Double Insurance Against Collapse: Variance truncation and base-logit dropout are non-obvious but critical engineering details, reminding us to always check for trivial solutions when designing variational models.

Limitations & Future Work¶

On HH-RLHF, \(M=2\) corresponds perfectly to the helpful/harmless axes. The authors did not fully verify if balanced \(k\)-means label assignment remains stable when \(M\) is large or preference dimensions are more granular.
The latent variable \(z\) is a 32-dimensional "black box." The paper does not provide a unified interface for "how to select \(z\) for new users during deployment."
Experiments were conducted on base models ≤2B. On 70B-scale models where base logits are already extremely strong, it is unverified whether \(p_{\text{logit}}\) needs to be further increased or \(\beta, \lambda\) re-searched.
From a privacy perspective, transmitting \((\bar\mu_j, \bar\sigma_j^2)\) might still leak preference statistics. Applying this to DP-FedAvg scenarios would require adding noise and re-analyzing the coupling with the KL term.
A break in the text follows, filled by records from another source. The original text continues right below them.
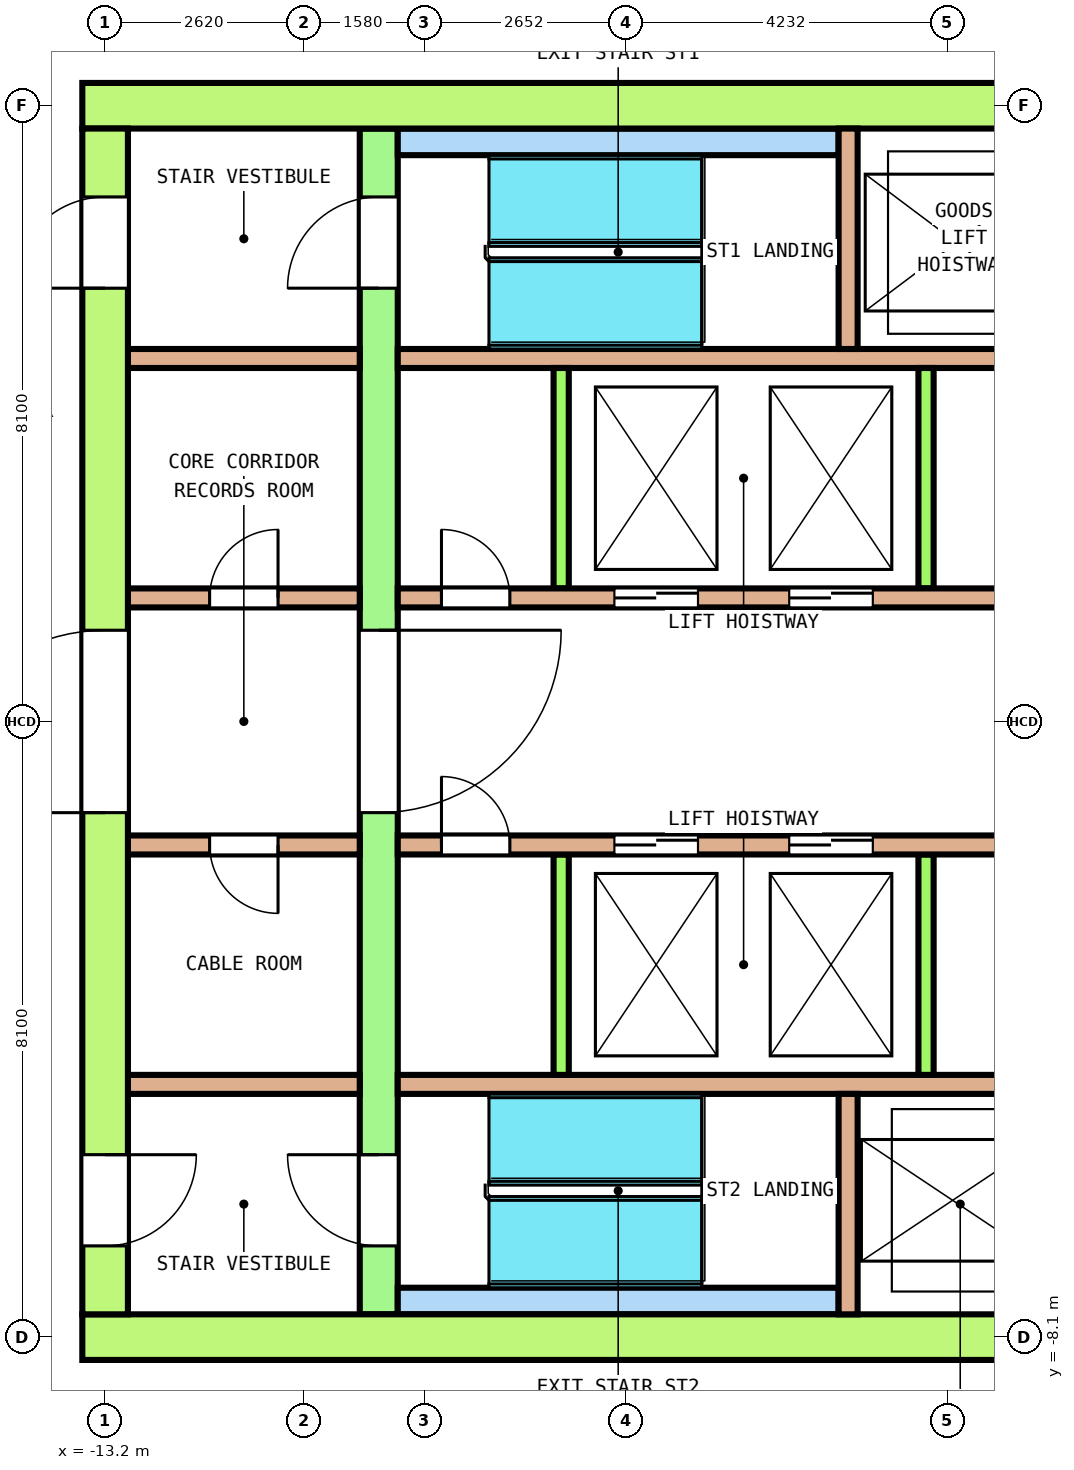
"""IFC4 building model, lengths in metres.
Left out: names, types, materials, properties, quantities, classifications, styles, units other than length and angle.
Written with IfcOpenShell. Run it as: python <this file> out.ifc"""

import sys

from ifc_helpers import new_model, si_unit, direction, frame, frame_2d, origin, place, context, subcontext, project, spatial, rectangle, extrude, element, fill, save


model = new_model("IFC4")
c1 = context("Model", 3, precision=1e-05, world=origin(), true_north=direction((0.0, 1.0)))
c2 = subcontext(c1, "Body", "Model", "MODEL_VIEW")
j1 = project(units=[si_unit("LENGTHUNIT", "METRE"), si_unit("PLANEANGLEUNIT", "RADIAN")], contexts=[c1])
p1 = place(None, origin())
s1 = spatial("IfcSite", under=j1, at=p1, CompositionType="ELEMENT")
p2 = place(p1, origin())
s2 = spatial("IfcBuilding", under=s1, at=p2, CompositionType="ELEMENT")
p3 = place(p2, frame((0.0, 0.0, 219.4)))
s3 = spatial("IfcBuildingStorey", under=s2, at=p3, CompositionType="ELEMENT", Elevation=219.4)
p4 = place(p3, frame((-13.5, 8.1, 0.0), z_axis=(0.0, 0.0, 1.0), x_axis=(1.0, 0.0, 0.0)))
e1 = element("IfcWall", 1, at=p4, inside=s3, PredefinedType="SHEAR", context=c2, shape_type="SweptSolid", body=[
    extrude(rectangle(XDim=27.0, YDim=0.6, at=frame_2d((13.5, 0.0))), origin(), (0.0, 0.0, 1.0), 3.7),
])
p5 = place(p4, frame((14.425, 0.0, 0.0)))
e2 = element("IfcOpeningElement", 2, at=p5, cuts=e1, PredefinedType="OPENING", context=c2, shape_type="SweptSolid", body=[
    extrude(rectangle(XDim=1.4, YDim=2.1, at=frame_2d((0.7, 1.05))), frame((0.0, 0.31, 0.0), z_axis=(0.0, -1.0, 0.0), x_axis=(1.0, 0.0, 0.0)), (0.0, 0.0, 1.0), 0.62),
])
p6 = place(p3, frame((-13.5, -8.1, 0.0), z_axis=(0.0, 0.0, 1.0), x_axis=(1.0, 0.0, 0.0)))
e3 = element("IfcWall", 3, at=p6, inside=s3, PredefinedType="SHEAR", context=c2, shape_type="SweptSolid", body=[
    extrude(rectangle(XDim=27.0, YDim=0.6, at=frame_2d((13.5, 0.0))), origin(), (0.0, 0.0, 1.0), 3.7),
])
p7 = place(p6, frame((15.05, 0.0, 0.0)))
e4 = element("IfcOpeningElement", 4, at=p7, cuts=e3, PredefinedType="OPENING", context=c2, shape_type="SweptSolid", body=[
    extrude(rectangle(XDim=1.2, YDim=2.1, at=frame_2d((0.6, 1.05))), frame((0.0, 0.31, 0.0), z_axis=(0.0, -1.0, 0.0), x_axis=(1.0, 0.0, 0.0)), (0.0, 0.0, 1.0), 0.62),
])
p8 = place(p3, frame((-13.2, -7.8, 0.0), z_axis=(0.0, 0.0, 1.0), x_axis=(0.0, 1.0, 0.0)))
e5 = element("IfcWall", 5, at=p8, inside=s3, PredefinedType="SHEAR", context=c2, shape_type="SweptSolid", body=[
    extrude(rectangle(XDim=15.6, YDim=0.6, at=frame_2d((7.8, 0.0))), origin(), (0.0, 0.0, 1.0), 3.7),
])
p9 = place(p8, frame((6.6, 0.0, 0.0)))
e6 = element("IfcOpeningElement", 6, at=p9, cuts=e5, PredefinedType="OPENING", context=c2, shape_type="SweptSolid", body=[
    extrude(rectangle(XDim=2.4, YDim=2.1, at=frame_2d((1.2, 1.05))), frame((0.0, 0.31, 0.0), z_axis=(0.0, -1.0, 0.0), x_axis=(1.0, 0.0, 0.0)), (0.0, 0.0, 1.0), 0.62),
])
p10 = place(p8, frame((13.5, 0.0, 0.0)))
e7 = element("IfcOpeningElement", 7, at=p10, cuts=e5, PredefinedType="OPENING", context=c2, shape_type="SweptSolid", body=[
    extrude(rectangle(XDim=1.2, YDim=2.1, at=frame_2d((0.6, 1.05))), frame((0.0, 0.31, 0.0), z_axis=(0.0, -1.0, 0.0), x_axis=(1.0, 0.0, 0.0)), (0.0, 0.0, 1.0), 0.62),
])
p11 = place(p8, frame((0.9, 0.0, 0.0)))
e8 = element("IfcOpeningElement", 8, at=p11, cuts=e5, PredefinedType="OPENING", context=c2, shape_type="SweptSolid", body=[
    extrude(rectangle(XDim=1.2, YDim=2.1, at=frame_2d((0.6, 1.05))), frame((0.0, 0.31, 0.0), z_axis=(0.0, -1.0, 0.0), x_axis=(1.0, 0.0, 0.0)), (0.0, 0.0, 1.0), 0.62),
])
p12 = place(p3, frame((-9.6, -7.8, 0.0), z_axis=(0.0, 0.0, 1.0), x_axis=(0.0, 1.0, 0.0)))
e9 = element("IfcWall", 9, at=p12, inside=s3, PredefinedType="SHEAR", context=c2, shape_type="SweptSolid", body=[
    extrude(rectangle(XDim=15.6, YDim=0.5, at=frame_2d((7.8, 0.0))), origin(), (0.0, 0.0, 1.0), 3.7),
])
p13 = place(p12, frame((6.6, 0.0, 0.0)))
e10 = element("IfcOpeningElement", 10, at=p13, cuts=e9, PredefinedType="OPENING", context=c2, shape_type="SweptSolid", body=[
    extrude(rectangle(XDim=2.4, YDim=2.1, at=frame_2d((1.2, 1.05))), frame((0.0, 0.26, 0.0), z_axis=(0.0, -1.0, 0.0), x_axis=(1.0, 0.0, 0.0)), (0.0, 0.0, 1.0), 0.52),
])
p14 = place(p12, frame((13.5, 0.0, 0.0)))
e11 = element("IfcOpeningElement", 11, at=p14, cuts=e9, PredefinedType="OPENING", context=c2, shape_type="SweptSolid", body=[
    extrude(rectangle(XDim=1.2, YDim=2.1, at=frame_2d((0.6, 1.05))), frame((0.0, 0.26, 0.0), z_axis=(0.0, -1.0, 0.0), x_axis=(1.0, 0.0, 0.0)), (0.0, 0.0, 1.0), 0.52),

vs FedBiscuit (Wu et al., 2024): Both train a lightweight binary selector with a frozen base. However, FedBiscuit uses a monolithic reward, whereas this paper upgrades the selector to a conditional variational model.
vs FedDPO (Ye et al., 2024): FedDPO federates DPO gradients. This paper federates the "posterior of preference latents," leaving expensive strategy DPO for the server—a decoupling superior in communication and stability.
vs Variational Preference Learning (Poddar et al., 2024): Original VPL assumes pooled data. This paper answers "how VPL survives in FL" by attributing posterior instability to "lack of prior."
vs Multi-objective alignment / Model merging: Those methods combine weights or objectives, while this paper combines in the latent dimension, which is parameter-efficient and naturally supports switching preferences via \(z\).

Rating¶

Novelty: ⭐⭐⭐⭐ Adapting VPL to FL with mixture priors and orthogonal prototypes is a well-posed and novel solution.
Experimental Thoroughness: ⭐⭐⭐ Results across 2 models and 3 scales with unseen client ablation are good, but limited to HH-RLHF and \(M=2\).
Writing Quality: ⭐⭐⭐⭐ Clear motivation and complete pseudocode ensure good reproducibility.
Value: ⭐⭐⭐⭐ Addresses both "conflict preferences in federated alignment" and "variational stability in FL," offering significant insights for personalized, privacy-preserving LLM alignment.